Dia mengatakan, Pertumbuhan Ekonomi Provinsi Sulawesi Utara 2018, mengalami perlambatan, secara umum dipengaruhi oleh melambatnya kinerja tiga sektor lapangan usaha utama yaitu Pertanian, Industri dan Konstruksi.
“Sebaliknya, penguatan pertumbuhan dua lapangan usaha perdagangan dan transportasi menjadi penahan perlambatan lebih dalam pertumbuhan ekonomi Sulut,” urainya.

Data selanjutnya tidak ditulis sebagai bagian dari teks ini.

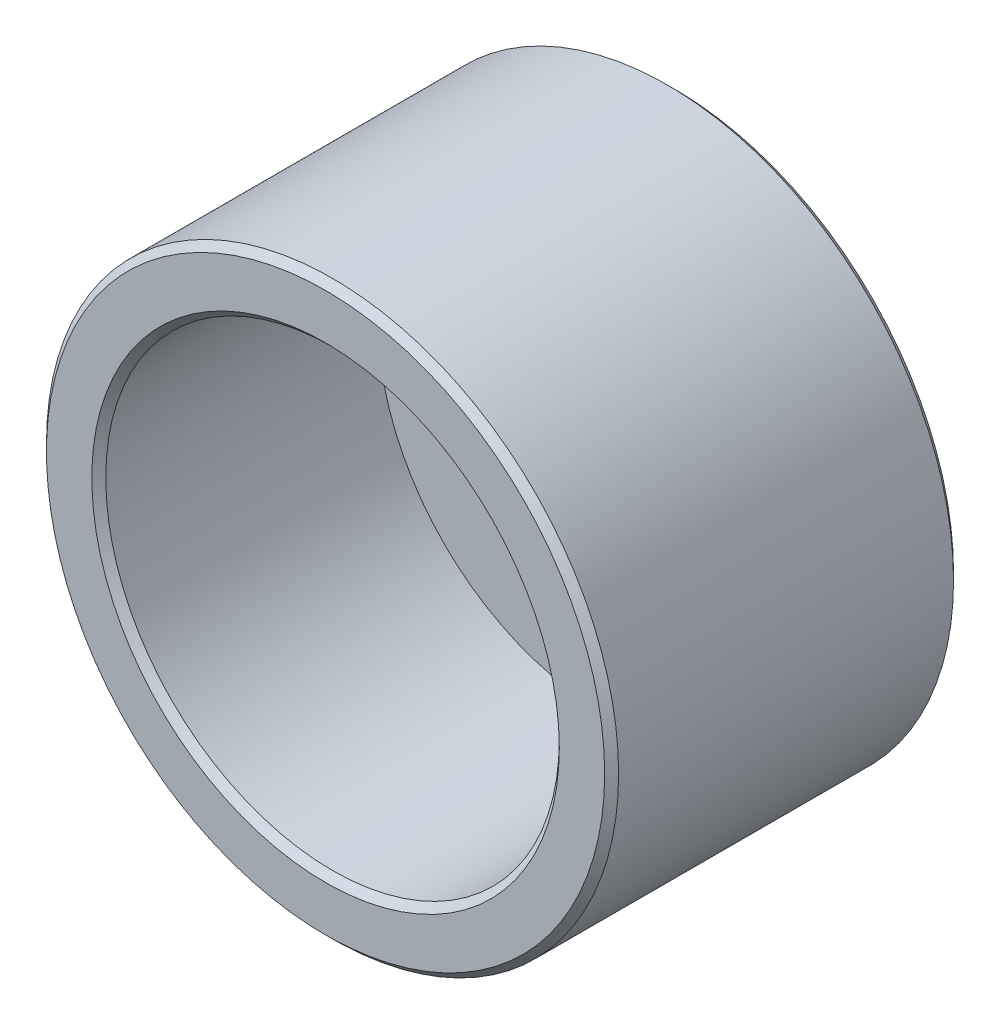
SolidWorks part; units mm, degrees
material "Q235-A"
ref_plane "Front Plane" through (0, 0, 0) normal (0, 0, 1) x (1, 0, 0)
ref_plane "Top Plane" through (0, 0, 0) normal (0, 1, 0) x (1, 0, 0)
ref_plane "Right Plane" through (0, 0, 0) normal (1, 0, 0) x (0, 0, -1)
sketch "Sketch1" plane through (0, 0, 0) normal (0, 0, 1) x (1, 0, 0)
  circle A1 centre (0, 0) radius 20.5
  dimension "D2" = 41
extrude "Boss-Extrude1" add sketch "Sketch1" along normal blind 25
chamfer "Chamfer1" distance 0.5 angle 45 2 edges at (20.5, 0, 25) (20.5, 0, 0)
sketch "Sketch5" plane through (0, 0, 25) normal (0, 0, 1) x (1, 0, 0)
  circle A0 centre (0, 0) radius 16.25
  dimension "D1" = 32.5
extrude "Cut-Extrude1" cut sketch "Sketch5" against normal blind 20
chamfer "Chamfer2" distance 0.5 angle 45 1 edges at (16.25, 0, 25)
sketch "Sketch6" plane through (0, 0, 0) normal (0, 0, -1) x (-1, 0, 0)
  circle A0 centre (0, 0) radius 10.5
  dimension "D1" = 21
extrude "Cut-Extrude2" cut sketch "Sketch6" against normal blind 31

Lanjut Soekowardojo, lapangan usaha pertanian Sulut terutama ditopang oleh tiga sub lapangan usaha utama, yaitu: Tanaman Pangan, Perkebunan Tahunan dan Perikanan. Perlambatan terjadi pada sub lapangan usaha Tanaman Pangan (komoditas utama: beras/padi) dan sub lapangan usaha Perkebunan (komoditas utama: kelapa, cengkih, dan pala), sementara sub lapangan usaha perikanan cenderung stabil. Namun secara keseluruhan pertumbuhan lapangan usaha pertanian melambat.
“Perlambatan sektor pertanian terutama disebabkan oleh kegagalan panen tanaman pangan di Triwulan II, sehingga produksi tanaman pangan tahun 2018 melambat dibandingkan tahun 2017,” paparnya. (hgp)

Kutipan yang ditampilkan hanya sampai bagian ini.